Rana Parimal, Brennan Jane C, Johnson Andrea H, Turcotte Justin J, Patton Chad M
Luminis Health Orthopedics, Anne Arundel Medical Center, Annapolis, United States.
Spine Surg Relat Res. 2024 Jun 10;9(1):71-77. doi: 10.22603/ssrr.2024-0047. eCollection 2025 Jan 27.
Previous studies have shown that early patient mobility and activity can improve patient outcomes after lumbar fusion procedures. This study aimed to explore the relationship between patient mobility and activity, measured by the Activity Measure for Post-acute Care (AM-PAC) "6-Clicks" assessment and postoperative outcomes in lumbar fusion patients.

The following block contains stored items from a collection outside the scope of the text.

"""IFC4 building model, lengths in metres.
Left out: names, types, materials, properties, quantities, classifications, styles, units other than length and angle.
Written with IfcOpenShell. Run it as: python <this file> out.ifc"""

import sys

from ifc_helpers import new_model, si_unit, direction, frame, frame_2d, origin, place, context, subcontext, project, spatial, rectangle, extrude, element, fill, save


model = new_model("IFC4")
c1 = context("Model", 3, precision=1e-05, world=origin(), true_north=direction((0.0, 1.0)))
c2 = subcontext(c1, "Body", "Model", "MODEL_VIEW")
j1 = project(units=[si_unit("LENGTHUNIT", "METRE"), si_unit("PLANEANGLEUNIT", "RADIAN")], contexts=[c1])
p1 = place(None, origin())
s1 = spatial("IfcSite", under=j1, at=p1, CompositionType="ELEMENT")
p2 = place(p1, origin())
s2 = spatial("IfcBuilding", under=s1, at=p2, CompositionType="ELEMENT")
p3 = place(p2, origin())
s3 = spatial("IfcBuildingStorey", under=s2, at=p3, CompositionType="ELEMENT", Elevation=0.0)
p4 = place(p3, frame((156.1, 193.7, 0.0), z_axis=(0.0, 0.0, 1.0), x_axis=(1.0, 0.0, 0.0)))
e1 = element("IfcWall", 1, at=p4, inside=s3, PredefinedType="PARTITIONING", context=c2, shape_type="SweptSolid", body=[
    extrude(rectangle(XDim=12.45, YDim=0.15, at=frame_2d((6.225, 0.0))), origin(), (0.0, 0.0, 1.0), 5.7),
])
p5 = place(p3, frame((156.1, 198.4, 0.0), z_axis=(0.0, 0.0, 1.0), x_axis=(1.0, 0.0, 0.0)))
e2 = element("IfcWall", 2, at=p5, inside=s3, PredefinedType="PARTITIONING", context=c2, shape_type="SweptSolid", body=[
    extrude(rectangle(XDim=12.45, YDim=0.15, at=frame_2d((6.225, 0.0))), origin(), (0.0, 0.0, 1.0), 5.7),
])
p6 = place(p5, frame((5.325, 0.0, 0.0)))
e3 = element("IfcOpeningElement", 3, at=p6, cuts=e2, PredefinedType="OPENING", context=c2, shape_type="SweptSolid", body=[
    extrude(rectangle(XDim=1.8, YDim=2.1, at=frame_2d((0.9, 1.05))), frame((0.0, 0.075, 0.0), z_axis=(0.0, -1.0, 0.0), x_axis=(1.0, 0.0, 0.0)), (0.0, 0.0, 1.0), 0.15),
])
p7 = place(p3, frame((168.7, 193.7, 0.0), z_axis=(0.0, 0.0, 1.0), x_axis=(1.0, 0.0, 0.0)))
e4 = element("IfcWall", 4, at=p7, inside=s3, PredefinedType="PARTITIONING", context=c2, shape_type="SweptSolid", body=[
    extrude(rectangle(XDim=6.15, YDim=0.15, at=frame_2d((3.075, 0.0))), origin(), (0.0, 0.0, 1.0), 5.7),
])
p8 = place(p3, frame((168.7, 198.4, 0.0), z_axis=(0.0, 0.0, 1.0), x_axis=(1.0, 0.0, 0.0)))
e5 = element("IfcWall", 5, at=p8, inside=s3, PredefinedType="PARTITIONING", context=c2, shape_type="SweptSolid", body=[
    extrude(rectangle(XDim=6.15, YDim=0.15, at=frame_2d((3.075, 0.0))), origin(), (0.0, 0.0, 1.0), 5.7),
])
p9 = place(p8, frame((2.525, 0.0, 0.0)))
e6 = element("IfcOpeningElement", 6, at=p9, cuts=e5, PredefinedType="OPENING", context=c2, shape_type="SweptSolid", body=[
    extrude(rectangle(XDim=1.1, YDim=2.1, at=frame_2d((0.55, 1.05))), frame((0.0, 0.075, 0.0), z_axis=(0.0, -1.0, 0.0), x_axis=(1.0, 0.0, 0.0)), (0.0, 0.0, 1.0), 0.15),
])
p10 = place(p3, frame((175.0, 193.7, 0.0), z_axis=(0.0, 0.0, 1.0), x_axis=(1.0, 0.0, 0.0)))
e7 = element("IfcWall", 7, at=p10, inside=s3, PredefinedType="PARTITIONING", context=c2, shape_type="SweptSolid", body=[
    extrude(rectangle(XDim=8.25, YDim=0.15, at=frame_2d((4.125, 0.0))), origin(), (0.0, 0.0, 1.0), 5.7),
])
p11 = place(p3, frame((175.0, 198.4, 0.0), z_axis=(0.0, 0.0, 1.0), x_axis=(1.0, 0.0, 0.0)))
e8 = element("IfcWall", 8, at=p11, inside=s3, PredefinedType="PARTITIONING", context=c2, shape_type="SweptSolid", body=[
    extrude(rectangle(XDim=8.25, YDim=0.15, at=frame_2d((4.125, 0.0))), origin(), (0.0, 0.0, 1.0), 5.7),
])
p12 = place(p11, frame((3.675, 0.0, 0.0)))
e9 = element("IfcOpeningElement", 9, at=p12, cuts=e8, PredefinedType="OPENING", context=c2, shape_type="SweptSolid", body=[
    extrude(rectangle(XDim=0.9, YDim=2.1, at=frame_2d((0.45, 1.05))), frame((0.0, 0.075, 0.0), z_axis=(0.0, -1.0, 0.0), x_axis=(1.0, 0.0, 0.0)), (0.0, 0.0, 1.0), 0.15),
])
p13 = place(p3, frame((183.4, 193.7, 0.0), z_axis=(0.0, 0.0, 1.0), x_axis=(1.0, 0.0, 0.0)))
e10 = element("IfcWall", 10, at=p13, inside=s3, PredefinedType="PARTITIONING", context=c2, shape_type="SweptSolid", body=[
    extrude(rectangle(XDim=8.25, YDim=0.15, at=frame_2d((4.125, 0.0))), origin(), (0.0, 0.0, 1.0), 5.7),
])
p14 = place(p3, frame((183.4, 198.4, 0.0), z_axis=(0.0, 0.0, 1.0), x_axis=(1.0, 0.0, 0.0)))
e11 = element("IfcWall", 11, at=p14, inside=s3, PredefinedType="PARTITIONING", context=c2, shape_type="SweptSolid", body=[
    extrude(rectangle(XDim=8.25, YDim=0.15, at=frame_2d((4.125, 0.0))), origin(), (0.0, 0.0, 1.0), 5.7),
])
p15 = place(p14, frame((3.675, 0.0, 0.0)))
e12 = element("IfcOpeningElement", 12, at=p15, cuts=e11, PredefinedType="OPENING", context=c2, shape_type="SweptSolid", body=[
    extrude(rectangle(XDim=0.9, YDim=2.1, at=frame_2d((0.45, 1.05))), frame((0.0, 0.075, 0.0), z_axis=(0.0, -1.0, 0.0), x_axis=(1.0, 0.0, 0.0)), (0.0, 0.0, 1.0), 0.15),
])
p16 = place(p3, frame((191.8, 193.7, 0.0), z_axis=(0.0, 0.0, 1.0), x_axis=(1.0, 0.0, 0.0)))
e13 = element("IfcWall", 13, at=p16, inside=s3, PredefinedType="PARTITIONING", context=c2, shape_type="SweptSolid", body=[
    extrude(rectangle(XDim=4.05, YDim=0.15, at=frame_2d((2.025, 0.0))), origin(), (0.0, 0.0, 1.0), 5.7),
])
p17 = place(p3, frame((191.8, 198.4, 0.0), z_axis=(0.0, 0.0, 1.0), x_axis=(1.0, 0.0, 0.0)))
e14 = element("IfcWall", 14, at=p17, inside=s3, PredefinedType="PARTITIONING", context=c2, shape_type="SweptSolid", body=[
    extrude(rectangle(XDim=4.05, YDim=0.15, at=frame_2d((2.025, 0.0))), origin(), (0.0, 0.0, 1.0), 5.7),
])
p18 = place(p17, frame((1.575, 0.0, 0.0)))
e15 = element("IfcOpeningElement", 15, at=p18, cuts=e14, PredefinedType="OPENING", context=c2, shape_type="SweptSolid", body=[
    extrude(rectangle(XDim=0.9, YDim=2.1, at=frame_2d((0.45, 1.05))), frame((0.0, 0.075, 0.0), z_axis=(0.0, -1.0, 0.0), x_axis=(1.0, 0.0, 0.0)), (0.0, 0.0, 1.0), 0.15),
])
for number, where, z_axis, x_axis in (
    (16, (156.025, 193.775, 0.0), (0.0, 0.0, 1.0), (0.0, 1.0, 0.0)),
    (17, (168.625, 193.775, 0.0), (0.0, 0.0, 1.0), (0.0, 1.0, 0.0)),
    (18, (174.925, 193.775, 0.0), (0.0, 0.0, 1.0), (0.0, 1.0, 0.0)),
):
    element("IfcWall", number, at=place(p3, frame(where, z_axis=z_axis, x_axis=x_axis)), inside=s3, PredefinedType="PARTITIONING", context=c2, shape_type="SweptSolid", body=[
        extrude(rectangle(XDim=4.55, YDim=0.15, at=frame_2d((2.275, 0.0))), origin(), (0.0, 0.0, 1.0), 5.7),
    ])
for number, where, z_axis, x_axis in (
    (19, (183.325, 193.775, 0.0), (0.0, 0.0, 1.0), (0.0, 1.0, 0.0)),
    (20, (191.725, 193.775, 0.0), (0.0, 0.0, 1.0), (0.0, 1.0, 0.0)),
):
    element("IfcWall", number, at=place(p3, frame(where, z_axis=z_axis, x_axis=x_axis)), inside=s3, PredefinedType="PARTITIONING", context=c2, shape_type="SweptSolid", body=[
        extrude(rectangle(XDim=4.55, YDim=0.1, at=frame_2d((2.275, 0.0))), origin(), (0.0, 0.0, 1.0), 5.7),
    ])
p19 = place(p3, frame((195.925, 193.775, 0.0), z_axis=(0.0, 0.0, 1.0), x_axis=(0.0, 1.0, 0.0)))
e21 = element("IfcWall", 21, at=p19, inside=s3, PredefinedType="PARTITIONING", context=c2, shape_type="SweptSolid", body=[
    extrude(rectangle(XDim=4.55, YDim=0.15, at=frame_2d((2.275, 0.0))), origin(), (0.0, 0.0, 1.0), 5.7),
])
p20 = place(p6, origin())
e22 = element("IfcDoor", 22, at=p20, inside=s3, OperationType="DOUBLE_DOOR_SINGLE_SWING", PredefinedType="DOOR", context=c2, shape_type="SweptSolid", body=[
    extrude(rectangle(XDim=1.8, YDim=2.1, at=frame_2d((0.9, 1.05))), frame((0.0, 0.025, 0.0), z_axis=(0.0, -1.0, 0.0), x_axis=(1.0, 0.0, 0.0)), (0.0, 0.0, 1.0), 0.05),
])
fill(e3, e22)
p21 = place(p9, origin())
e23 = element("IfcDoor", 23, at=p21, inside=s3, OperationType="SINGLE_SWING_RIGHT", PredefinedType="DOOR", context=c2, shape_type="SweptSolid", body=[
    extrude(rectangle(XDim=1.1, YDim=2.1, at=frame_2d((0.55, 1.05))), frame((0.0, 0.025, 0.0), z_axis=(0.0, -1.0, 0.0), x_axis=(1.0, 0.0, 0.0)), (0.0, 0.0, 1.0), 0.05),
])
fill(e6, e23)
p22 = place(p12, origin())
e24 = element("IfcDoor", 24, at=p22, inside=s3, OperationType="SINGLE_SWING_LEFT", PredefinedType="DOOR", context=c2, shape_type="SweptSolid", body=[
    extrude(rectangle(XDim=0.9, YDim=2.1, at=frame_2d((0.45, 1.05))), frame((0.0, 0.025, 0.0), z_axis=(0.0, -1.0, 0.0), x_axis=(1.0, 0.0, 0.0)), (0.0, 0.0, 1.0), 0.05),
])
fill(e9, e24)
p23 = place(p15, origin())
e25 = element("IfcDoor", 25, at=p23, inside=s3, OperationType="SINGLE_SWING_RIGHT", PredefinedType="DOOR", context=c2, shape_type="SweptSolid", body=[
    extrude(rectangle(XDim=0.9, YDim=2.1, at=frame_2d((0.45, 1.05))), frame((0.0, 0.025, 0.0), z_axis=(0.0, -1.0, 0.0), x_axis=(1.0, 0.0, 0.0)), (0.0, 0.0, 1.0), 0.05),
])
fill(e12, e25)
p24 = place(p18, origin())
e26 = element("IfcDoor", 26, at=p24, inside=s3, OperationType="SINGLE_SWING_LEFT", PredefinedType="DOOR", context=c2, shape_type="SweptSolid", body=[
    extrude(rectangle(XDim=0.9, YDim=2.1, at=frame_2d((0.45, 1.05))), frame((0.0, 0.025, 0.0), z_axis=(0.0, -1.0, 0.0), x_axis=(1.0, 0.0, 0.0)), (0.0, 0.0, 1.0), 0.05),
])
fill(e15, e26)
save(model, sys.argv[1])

A retrospective review of 306 lumbar fusions (105 with 6-Clicks mobility and 289 with 6-Clicks activity scores) was conducted. Statistical analyses were performed to evaluate the relationship between 6-Clicks scores and postoperative outcomes, such as prolonged length of stay (LOS), nonhome discharge, 30-day emergency department (ED) returns and readmissions, and minimal clinically important difference (MCID) achievement on the PROMIS-PF instrument at 3-12 months postoperatively.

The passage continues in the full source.